# Dye Sub Leather Purse Blanks



## CbSew717 (May 19, 2010)

I've searched and searched for the supplier of these types of dye sub leather purses or even the coin cases but can't seem to find them anywhere, Anyone point me in the right direction?










I've seen them on many print on demand type shops.

They seem to have a dye sub panel on either the front or back (or both) depending on the site you hit. Just can't seem to track down the supplier. Conde , Coastal these places only seem to sell the imitation vinyl, canvas or snap/flap versions. 

Any help in the right direction would be great


----------



## paintersspouse (Jul 26, 2012)

I just received some of the Faux leather sheets to try. Are the real leather sheets ready to go?


----------



## aperollmay (Mar 20, 2010)

artscow they are in China. They sub then sew.


----------



## Riderz Ready (Sep 18, 2008)

The one that seems to be leading the way in the leather world is Octi-tech who then added the name Marvel Press and then added the name Pictaleather or something to the effect.

Not sure why one needs three neames for the same thing.

We tried the wallets - printed good but it had a sanp on it. Maybe a european thing but we got a lot a push back and no longer offer them.


----------



## mgparrish (Jul 9, 2005)

Riderz Ready said:


> The one that seems to be leading the way in the leather world is Octi-tech who then added the name Marvel Press and then added the name Pictaleather or something to the effect.
> 
> *Not sure why one needs three neames for the same thing.*
> 
> We tried the wallets - printed good but it had a sanp on it. Maybe a european thing but we got a lot a push back and no longer offer them.


_Because they are not all the same thing._

Octi-tech makes and distributes substrates.

Marvel Press is one of the world largest sublimation imprint fulfillment operations in the world. They sell Octi-tech product either blank or decorated.

Pictaleather is a product trademark for a specific range of leather products.

i.e

Ford

A Ford Dealer

A Ford Mustang


----------



## Riderz Ready (Sep 18, 2008)

mgparrish said:


> _Because they are not all the same thing._
> 
> Octi-tech makes and distributes substrates.
> 
> ...


Yet Ford, Ford Dealer and Ford Mustang all do not have the same number/address.
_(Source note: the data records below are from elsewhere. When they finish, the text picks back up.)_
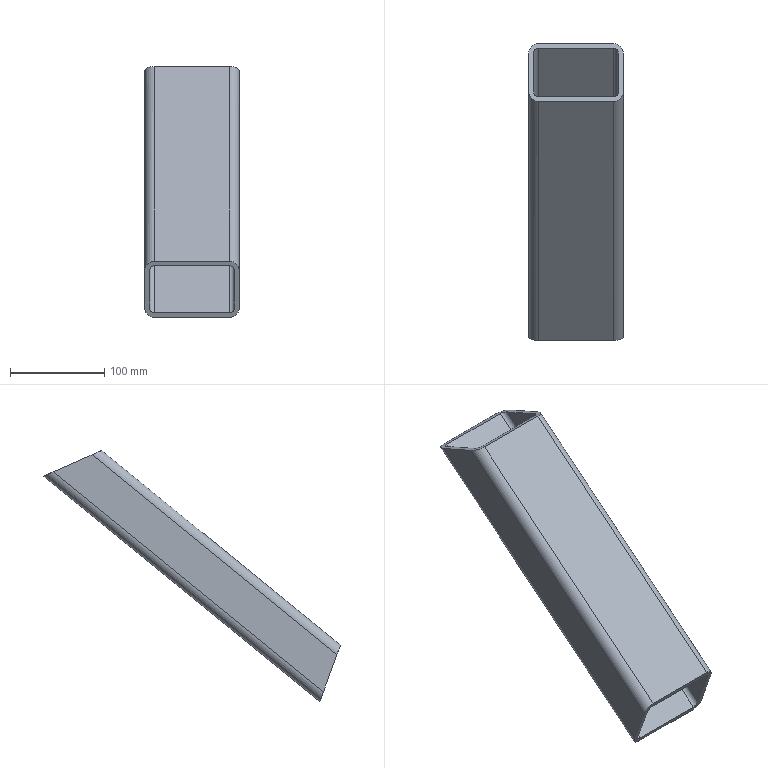Component | SolidWorks | Stap-2-8 | 1 solid | 18 faces | box 100 x 314.75 x 266.08 mm | volume 505822 mm3 | plane 10 | cylinder 8 | commonest cylinder face diameters 20 x4 10 x4 | material Plain Carbon Steel
build123d program:
from build123d import *

# Parameters (mm, degrees)
BOSS_EXTRUDE1_DEPTH = 100
FILLET1_R           = 10
SHELL1_T            = -5


with BuildPart() as part:
    # Sketch1 → Boss-Extrude1 (new body)
    with BuildSketch(Plane.XY):
        Polygon((1451.281, 1386.004), (1382.24, 1757.72), (1328.836, 1716.683), (1388.477, 1395.574), align=None)
    extrude(amount=BOSS_EXTRUDE1_DEPTH)

    # Fillet1
    fillet1_edges = [part.edges().sort_by_distance(p)[0] for p in [
        (1358.657, 1556.128, 100),
        (1358.657, 1556.128, 0),
        (1416.76, 1571.862, 0),
        (1416.76, 1571.862, 100),
    ]]
    fillet(fillet1_edges, radius=FILLET1_R)

    # Shell1
    shell1_openings = [part.faces().sort_by_distance(p)[0] for p in [
        (1355.538, 1737.202, 50),
        (1419.879, 1390.789, 50),
    ]]
    offset(amount=SHELL1_T, openings=shell1_openings, kind=Kind.INTERSECTION)


solid = part.part

# Placed as in the assembly
solid = solid.moved(Location((-124, -2903.176, 779.332), (28.67, 90, 0)))
STEP:
#1=COLOUR_RGB('',0.7922,0.8196,0.9333);
#2=FILL_AREA_STYLE_COLOUR('',#1);
#3=FILL_AREA_STYLE('',(#2));
#4=SURFACE_STYLE_FILL_AREA(#3);
#5=SURFACE_SIDE_STYLE('',(#4));
#6=SURFACE_STYLE_USAGE(.BOTH.,#5);
#7=PRESENTATION_STYLE_ASSIGNMENT((#6));
#8=CARTESIAN_POINT('',(-4.685,-39.722,8.689));
#9=VERTEX_POINT('',#8);
#10=CARTESIAN_POINT('',(-4.685,-39.151,7.122));
#11=VERTEX_POINT('',#10);
#12=CARTESIAN_POINT('',(-4.685,-39.865,9.08));
#13=DIRECTION('',(0.,0.3421,-0.9397));
#14=VECTOR('',#13,39.37);
#15=LINE('',#12,#14);
#16=EDGE_CURVE('',#9,#11,#15,.T.);
#17=ORIENTED_EDGE('',*,*,#16,.F.);
#18=CARTESIAN_POINT('',(-4.488,-39.793,8.884));
#19=VERTEX_POINT('',#18);
#20=CARTESIAN_POINT('',(-4.488,-39.793,8.884));
#21=CARTESIAN_POINT('',(-4.604,-39.793,8.884));
#22=CARTESIAN_POINT('',(-4.685,-39.764,8.803));
#23=CARTESIAN_POINT('',(-4.685,-39.722,8.689));
#24=(BOUNDED_CURVE()B_SPLINE_CURVE(3,(#20,#21,#22,#23),.UNSPECIFIED.,.F.,.T.)B_SPLINE_CURVE_WITH_KNOTS((4,4),(3.142,4.712),.UNSPECIFIED.)CURVE()GEOMETRIC_REPRESENTATION_ITEM()RATIONAL_B_SPLINE_CURVE((1.,0.8047,0.8047,1.))REPRESENTATION_ITEM(''));
#25=EDGE_CURVE('',#19,#9,#24,.T.);
#26=ORIENTED_EDGE('',*,*,#25,.F.);
#27=CARTESIAN_POINT('',(-1.339,-39.793,8.884));
#28=VERTEX_POINT('',#27);
#29=CARTESIAN_POINT('',(-0.9449,-39.793,8.884));
#30=DIRECTION('',(-1.,0.,-0.));
#31=VECTOR('',#30,39.37);
#32=LINE('',#29,#31);
#33=EDGE_CURVE('',#28,#19,#32,.T.);
#34=ORIENTED_EDGE('',*,*,#33,.F.);
#35=CARTESIAN_POINT('',(-1.142,-39.722,8.689));
#36=VERTEX_POINT('',#35);
#37=CARTESIAN_POINT('',(-1.142,-39.722,8.689));
#38=CARTESIAN_POINT('',(-1.142,-39.764,8.803));
#39=CARTESIAN_POINT('',(-1.223,-39.793,8.884));
#40=CARTESIAN_POINT('',(-1.339,-39.793,8.884));
#41=(BOUNDED_CURVE()B_SPLINE_CURVE(3,(#37,#38,#39,#40),.UNSPECIFIED.,.F.,.F.)B_SPLINE_CURVE_WITH_KNOTS((4,4),(4.712,6.283),.UNSPECIFIED.)CURVE()GEOMETRIC_REPRESENTATION_ITEM()RATIONAL_B_SPLINE_CURVE((1.,0.8047,0.8047,1.))REPRESENTATION_ITEM(''));
#42=EDGE_CURVE('',#36,#28,#41,.T.);
#43=ORIENTED_EDGE('',*,*,#42,.F.);
#44=CARTESIAN_POINT('',(-1.142,-39.151,7.122));
#45=VERTEX_POINT('',#44);
#46=CARTESIAN_POINT('',(-1.142,-39.865,9.08));
#47=DIRECTION('',(0.,0.3421,-0.9397));
#48=VECTOR('',#47,39.37);
#49=LINE('',#46,#48);
#50=EDGE_CURVE('',#36,#45,#49,.T.);
#51=ORIENTED_EDGE('',*,*,#50,.T.);
#52=CARTESIAN_POINT('',(-1.339,-39.08,6.926));
#53=VERTEX_POINT('',#52);
#54=CARTESIAN_POINT('',(-1.339,-39.08,6.926));
#55=CARTESIAN_POINT('',(-1.223,-39.08,6.926));
#56=CARTESIAN_POINT('',(-1.142,-39.11,7.007));
#57=CARTESIAN_POINT('',(-1.142,-39.151,7.122));
#58=(BOUNDED_CURVE()B_SPLINE_CURVE(3,(#54,#55,#56,#57),.UNSPECIFIED.,.F.,.F.)B_SPLINE_CURVE_WITH_KNOTS((4,4),(0.,1.571),.UNSPECIFIED.)CURVE()GEOMETRIC_REPRESENTATION_ITEM()RATIONAL_B_SPLINE_CURVE((1.,0.8047,0.8047,1.))REPRESENTATION_ITEM(''));
#59=EDGE_CURVE('',#53,#45,#58,.T.);
#60=ORIENTED_EDGE('',*,*,#59,.F.);
#61=CARTESIAN_POINT('',(-4.488,-39.08,6.926));
#62=VERTEX_POINT('',#61);
#63=CARTESIAN_POINT('',(-0.9449,-39.08,6.926));
#64=DIRECTION('',(-1.,0.,-0.));
#65=VECTOR('',#64,39.37);
#66=LINE('',#63,#65);
#67=EDGE_CURVE('',#53,#62,#66,.T.);
#68=ORIENTED_EDGE('',*,*,#67,.T.);
#69=CARTESIAN_POINT('',(-4.685,-39.151,7.122));
#70=CARTESIAN_POINT('',(-4.685,-39.11,7.007));
#71=CARTESIAN_POINT('',(-4.604,-39.08,6.926));
#72=CARTESIAN_POINT('',(-4.488,-39.08,6.926));
#73=(BOUNDED_CURVE()B_SPLINE_CURVE(3,(#69,#70,#71,#72),.UNSPECIFIED.,.F.,.T.)B_SPLINE_CURVE_WITH_KNOTS((4,4),(1.571,3.142),.UNSPECIFIED.)CURVE()GEOMETRIC_REPRESENTATION_ITEM()RATIONAL_B_SPLINE_CURVE((1.,0.8047,0.8047,1.))REPRESENTATION_ITEM(''));
#74=EDGE_CURVE('',#11,#62,#73,.T.);
#75=ORIENTED_EDGE('',*,*,#74,.F.);
#76=EDGE_LOOP('',(#17,#26,#34,#43,#51,#60,#68,#75));
#77=FACE_BOUND('',#76,.T.);
#78=CARTESIAN_POINT('',(-4.882,-39.722,8.689));
#79=VERTEX_POINT('',#78);
#80=CARTESIAN_POINT('',(-4.882,-39.151,7.122));
#81=VERTEX_POINT('',#80);
#82=CARTESIAN_POINT('',(-4.882,-39.865,9.08));
#83=DIRECTION('',(0.,0.3421,-0.9397));
#84=VECTOR('',#83,39.37);
#85=LINE('',#82,#84);
#86=EDGE_CURVE('',#79,#81,#85,.T.);
#87=ORIENTED_EDGE('',*,*,#86,.T.);
#88=CARTESIAN_POINT('',(-4.488,-39.009,6.73));
#89=VERTEX_POINT('',#88);
#90=CARTESIAN_POINT('',(-4.882,-39.151,7.122));
#91=CARTESIAN_POINT('',(-4.882,-39.068,6.892));
#92=CARTESIAN_POINT('',(-4.719,-39.009,6.73));
#93=CARTESIAN_POINT('',(-4.488,-39.009,6.73));
#94=(BOUNDED_CURVE()B_SPLINE_CURVE(3,(#90,#91,#92,#93),.UNSPECIFIED.,.F.,.T.)B_SPLINE_CURVE_WITH_KNOTS((4,4),(1.571,3.142),.UNSPECIFIED.)CURVE()GEOMETRIC_REPRESENTATION_ITEM()RATIONAL_B_SPLINE_CURVE((1.,0.8047,0.8047,1.))REPRESENTATION_ITEM(''));
#95=EDGE_CURVE('',#81,#89,#94,.T.);
#96=ORIENTED_EDGE('',*,*,#95,.T.);
#97=CARTESIAN_POINT('',(-1.339,-39.009,6.73));
#98=VERTEX_POINT('',#97);
#99=CARTESIAN_POINT('',(-0.9449,-39.009,6.73));
#100=DIRECTION('',(-1.,0.,-0.));
#101=VECTOR('',#100,39.37);
#102=LINE('',#99,#101);
#103=EDGE_CURVE('',#98,#89,#102,.T.);
#104=ORIENTED_EDGE('',*,*,#103,.F.);
#105=CARTESIAN_POINT('',(-0.9449,-39.151,7.122));
#106=VERTEX_POINT('',#105);
#107=CARTESIAN_POINT('',(-1.339,-39.009,6.73));
#108=CARTESIAN_POINT('',(-1.108,-39.009,6.73));
#109=CARTESIAN_POINT('',(-0.9449,-39.068,6.892));
#110=CARTESIAN_POINT('',(-0.9449,-39.151,7.122));
#111=(BOUNDED_CURVE()B_SPLINE_CURVE(3,(#107,#108,#109,#110),.UNSPECIFIED.,.F.,.F.)B_SPLINE_CURVE_WITH_KNOTS((4,4),(0.,1.571),.UNSPECIFIED.)CURVE()GEOMETRIC_REPRESENTATION_ITEM()RATIONAL_B_SPLINE_CURVE((1.,0.8047,0.8047,1.))REPRESENTATION_ITEM(''));
#112=EDGE_CURVE('',#98,#106,#111,.T.);
#113=ORIENTED_EDGE('',*,*,#112,.T.);
#114=CARTESIAN_POINT('',(-0.9449,-39.722,8.689));
#115=VERTEX_POINT('',#114);
#116=CARTESIAN_POINT('',(-0.9449,-39.865,9.08));
#117=DIRECTION('',(0.,0.3421,-0.9397));
#118=VECTOR('',#117,39.37);
#119=LINE('',#116,#118);
#120=EDGE_CURVE('',#115,#106,#119,.T.);
#121=ORIENTED_EDGE('',*,*,#120,.F.);
#122=CARTESIAN_POINT('',(-1.339,-39.865,9.08));
#123=VERTEX_POINT('',#122);
#124=CARTESIAN_POINT('',(-0.9449,-39.722,8.689));
#125=CARTESIAN_POINT('',(-0.9449,-39.805,8.918));
#126=CARTESIAN_POINT('',(-1.108,-39.865,9.08));
#127=CARTESIAN_POINT('',(-1.339,-39.865,9.08));
#128=(BOUNDED_CURVE()B_SPLINE_CURVE(3,(#124,#125,#126,#127),.UNSPECIFIED.,.F.,.T.)B_SPLINE_CURVE_WITH_KNOTS((4,4),(4.712,6.283),.UNSPECIFIED.)CURVE()GEOMETRIC_REPRESENTATION_ITEM()RATIONAL_B_SPLINE_CURVE((1.,0.8047,0.8047,1.))REPRESENTATION_ITEM(''));
#129=EDGE_CURVE('',#115,#123,#128,.T.);
#130=ORIENTED_EDGE('',*,*,#129,.T.);
#131=CARTESIAN_POINT('',(-4.488,-39.865,9.08));
#132=VERTEX_POINT('',#131);
#133=CARTESIAN_POINT('',(-0.9449,-39.865,9.08));
#134=DIRECTION('',(-1.,0.,-0.));
#135=VECTOR('',#134,39.37);
#136=LINE('',#133,#135);
#137=EDGE_CURVE('',#123,#132,#136,.T.);
#138=ORIENTED_EDGE('',*,*,#137,.T.);
#139=CARTESIAN_POINT('',(-4.488,-39.865,9.08));
#140=CARTESIAN_POINT('',(-4.719,-39.865,9.08));
#141=CARTESIAN_POINT('',(-4.882,-39.805,8.918));
#142=CARTESIAN_POINT('',(-4.882,-39.722,8.689));
#143=(BOUNDED_CURVE()B_SPLINE_CURVE(3,(#139,#140,#141,#142),.UNSPECIFIED.,.F.,.F.)B_SPLINE_CURVE_WITH_KNOTS((4,4),(3.142,4.712),.UNSPECIFIED.)CURVE()GEOMETRIC_REPRESENTATION_ITEM()RATIONAL_B_SPLINE_CURVE((1.,0.8047,0.8047,1.))REPRESENTATION_ITEM(''));
#144=EDGE_CURVE('',#132,#79,#143,.T.);
#145=ORIENTED_EDGE('',*,*,#144,.T.);
#146=EDGE_LOOP('',(#87,#96,#104,#113,#121,#130,#138,#145));
#147=FACE_OUTER_BOUND('',#146,.T.);
#148=CARTESIAN_POINT('',(-0.9449,-39.865,9.08));
#149=DIRECTION('',(-0.,0.9397,0.3421));
#150=DIRECTION('',(-0.,-0.3421,0.9397));
#151=AXIS2_PLACEMENT_3D('',#148,#149,#150);
#152=PLANE('',#151);
#153=ADVANCED_FACE('',(#77,#147),#152,.F.);
#154=ORIENTED_EDGE('',*,*,#103,.T.);
#155=CARTESIAN_POINT('',(-4.488,-27.473,16.136));
#156=VERTEX_POINT('',#155);
#157=CARTESIAN_POINT('',(-4.488,-39.009,6.73));
#158=DIRECTION('',(-0.,0.775,0.6319));
#159=VECTOR('',#158,39.37);
#160=LINE('',#157,#159);
#161=EDGE_CURVE('',#89,#156,#160,.T.);
#162=ORIENTED_EDGE('',*,*,#161,.T.);
#163=CARTESIAN_POINT('',(-1.339,-27.473,16.136));
#164=VERTEX_POINT('',#163);
#165=CARTESIAN_POINT('',(-0.9449,-27.473,16.136));
#166=DIRECTION('',(-1.,0.,-0.));
#167=VECTOR('',#166,39.37);
#168=LINE('',#165,#167);
#169=EDGE_CURVE('',#164,#156,#168,.T.);
#170=ORIENTED_EDGE('',*,*,#169,.F.);
#171=CARTESIAN_POINT('',(-1.339,-39.009,6.73));
#172=DIRECTION('',(0.,-0.775,-0.6319));
#173=VECTOR('',#172,39.37);
#174=LINE('',#171,#173);
#175=EDGE_CURVE('',#164,#98,#174,.T.);
#176=ORIENTED_EDGE('',*,*,#175,.T.);
#177=EDGE_LOOP('',(#154,#162,#170,#176));
#178=FACE_OUTER_BOUND('',#177,.T.);
#179=CARTESIAN_POINT('',(-0.9449,-39.009,6.73));
#180=DIRECTION('',(-0.,-0.6319,0.775));
#181=DIRECTION('',(0.,-0.775,-0.6319));
#182=AXIS2_PLACEMENT_3D('',#179,#180,#181);
#183=PLANE('',#182);
#184=ADVANCED_FACE('',(#178),#183,.F.);
#185=CARTESIAN_POINT('',(-1.339,-27.675,16.225));
#186=VERTEX_POINT('',#185);
#187=CARTESIAN_POINT('',(-4.488,-27.675,16.225));
#188=VERTEX_POINT('',#187);
#189=CARTESIAN_POINT('',(-0.9449,-27.675,16.225));
#190=DIRECTION('',(-1.,0.,-0.));
#191=VECTOR('',#190,39.37);
#192=LINE('',#189,#191);
#193=EDGE_CURVE('',#186,#188,#192,.T.);
#194=ORIENTED_EDGE('',*,*,#193,.F.);
#195=CARTESIAN_POINT('',(-1.142,-27.877,16.314));
#196=VERTEX_POINT('',#195);
#197=CARTESIAN_POINT('',(-1.142,-27.877,16.314));
#198=CARTESIAN_POINT('',(-1.142,-27.759,16.262));
#199=CARTESIAN_POINT('',(-1.223,-27.675,16.225));
#200=CARTESIAN_POINT('',(-1.339,-27.675,16.225));
#201=(BOUNDED_CURVE()B_SPLINE_CURVE(3,(#197,#198,#199,#200),.UNSPECIFIED.,.F.,.T.)B_SPLINE_CURVE_WITH_KNOTS((4,4),(1.571,3.142),.UNSPECIFIED.)CURVE()GEOMETRIC_REPRESENTATION_ITEM()RATIONAL_B_SPLINE_CURVE((1.,0.8047,0.8047,1.))REPRESENTATION_ITEM(''));
#202=EDGE_CURVE('',#196,#186,#201,.T.);
#203=ORIENTED_EDGE('',*,*,#202,.F.);
#204=CARTESIAN_POINT('',(-1.142,-29.495,17.027));
#205=VERTEX_POINT('',#204);
#206=CARTESIAN_POINT('',(-1.142,-27.473,16.136));
#207=DIRECTION('',(-0.,-0.915,0.4034));
#208=VECTOR('',#207,39.37);
#209=LINE('',#206,#208);
#210=EDGE_CURVE('',#196,#205,#209,.T.);
#211=ORIENTED_EDGE('',*,*,#210,.T.);
#212=CARTESIAN_POINT('',(-1.339,-29.697,17.117));
#213=VERTEX_POINT('',#212);
#214=CARTESIAN_POINT('',(-1.339,-29.697,17.117));
#215=CARTESIAN_POINT('',(-1.223,-29.697,17.117));
#216=CARTESIAN_POINT('',(-1.142,-29.613,17.08));
#217=CARTESIAN_POINT('',(-1.142,-29.495,17.027));
#218=(BOUNDED_CURVE()B_SPLINE_CURVE(3,(#214,#215,#216,#217),.UNSPECIFIED.,.F.,.T.)B_SPLINE_CURVE_WITH_KNOTS((4,4),(3.142,4.712),.UNSPECIFIED.)CURVE()GEOMETRIC_REPRESENTATION_ITEM()RATIONAL_B_SPLINE_CURVE((1.,0.8047,0.8047,1.))REPRESENTATION_ITEM(''));
#219=EDGE_CURVE('',#213,#205,#218,.T.);
#220=ORIENTED_EDGE('',*,*,#219,.F.);
#221=CARTESIAN_POINT('',(-4.488,-29.697,17.117));
#222=VERTEX_POINT('',#221);
#223=CARTESIAN_POINT('',(-0.9449,-29.697,17.117));
#224=DIRECTION('',(-1.,0.,-0.));
#225=VECTOR('',#224,39.37);
#226=LINE('',#223,#225);
#227=EDGE_CURVE('',#213,#222,#226,.T.);
#228=ORIENTED_EDGE('',*,*,#227,.T.);
#229=CARTESIAN_POINT('',(-4.685,-29.495,17.027));
#230=VERTEX_POINT('',#229);
#231=CARTESIAN_POINT('',(-4.685,-29.495,17.027));
#232=CARTESIAN_POINT('',(-4.685,-29.613,17.08));
#233=CARTESIAN_POINT('',(-4.604,-29.697,17.117));
#234=CARTESIAN_POINT('',(-4.488,-29.697,17.117));
#235=(BOUNDED_CURVE()B_SPLINE_CURVE(3,(#231,#232,#233,#234),.UNSPECIFIED.,.F.,.T.)B_SPLINE_CURVE_WITH_KNOTS((4,4),(4.712,6.283),.UNSPECIFIED.)CURVE()GEOMETRIC_REPRESENTATION_ITEM()RATIONAL_B_SPLINE_CURVE((1.,0.8047,0.8047,1.))REPRESENTATION_ITEM(''));
#236=EDGE_CURVE('',#230,#222,#235,.T.);
#237=ORIENTED_EDGE('',*,*,#236,.F.);
#238=CARTESIAN_POINT('',(-4.685,-27.877,16.314));
#239=VERTEX_POINT('',#238);
#240=CARTESIAN_POINT('',(-4.685,-27.473,16.136));
#241=DIRECTION('',(-0.,-0.915,0.4034));
#242=VECTOR('',#241,39.37);
#243=LINE('',#240,#242);
#244=EDGE_CURVE('',#239,#230,#243,.T.);
#245=ORIENTED_EDGE('',*,*,#244,.F.);
#246=CARTESIAN_POINT('',(-4.488,-27.675,16.225));
#247=CARTESIAN_POINT('',(-4.604,-27.675,16.225));
#248=CARTESIAN_POINT('',(-4.685,-27.759,16.262));
#249=CARTESIAN_POINT('',(-4.685,-27.877,16.314));
#250=(BOUNDED_CURVE()B_SPLINE_CURVE(3,(#246,#247,#248,#249),.UNSPECIFIED.,.F.,.T.)B_SPLINE_CURVE_WITH_KNOTS((4,4),(0.,1.571),.UNSPECIFIED.)CURVE()GEOMETRIC_REPRESENTATION_ITEM()RATIONAL_B_SPLINE_CURVE((1.,0.8047,0.8047,1.))REPRESENTATION_ITEM(''));
#251=EDGE_CURVE('',#188,#239,#250,.T.);
#252=ORIENTED_EDGE('',*,*,#251,.F.);
#253=EDGE_LOOP('',(#194,#203,#211,#220,#228,#237,#245,#252));
#254=FACE_BOUND('',#253,.T.);
#255=ORIENTED_EDGE('',*,*,#169,.T.);
#256=CARTESIAN_POINT('',(-4.882,-27.877,16.314));
#257=VERTEX_POINT('',#256);
#258=CARTESIAN_POINT('',(-4.488,-27.473,16.136));
#259=CARTESIAN_POINT('',(-4.719,-27.473,16.136));
#260=CARTESIAN_POINT('',(-4.882,-27.64,16.21));
#261=CARTESIAN_POINT('',(-4.882,-27.877,16.314));
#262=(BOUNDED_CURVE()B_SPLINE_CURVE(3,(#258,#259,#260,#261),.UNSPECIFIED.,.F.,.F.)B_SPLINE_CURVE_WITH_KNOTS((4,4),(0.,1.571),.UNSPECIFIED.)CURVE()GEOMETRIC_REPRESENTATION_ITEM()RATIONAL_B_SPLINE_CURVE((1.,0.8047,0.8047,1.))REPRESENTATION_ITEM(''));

Bottom line - same company.


----------



## mgparrish (Jul 9, 2005)

Riderz Ready said:


> Yet Ford, Ford Dealer and Ford Mustang all do not have the same number/address. Bottom line - same company.


Yes same company headed by the same person, that is not what you stated though. The names don't mean the same things.

What's not to understand about a company having a different trademark name for some of their product. Conde sells products under the "Dyetrans" product trademark. 

Sawgrass has different ink brand names, different company names that different ink brand names are under. Different branches. All the same company.

Many companies also sell raw product they make themselves in one business to another manufacturing and/or distribution business they also own, there are accounting and financial reasons for this. Keeping the companies seperate on the books is not uncommon.

I'm sure Paul Hirst has his reasons he has them seperate. Trademarking individual product lines and giving them unique names seperate from the corporate trademark name is very common.


----------



## Rodney (Nov 3, 2004)

Please can we stop with the back and forth bickering posts. They aren't helpful to anyone. If you want to argue, please do it via email/PM.


----------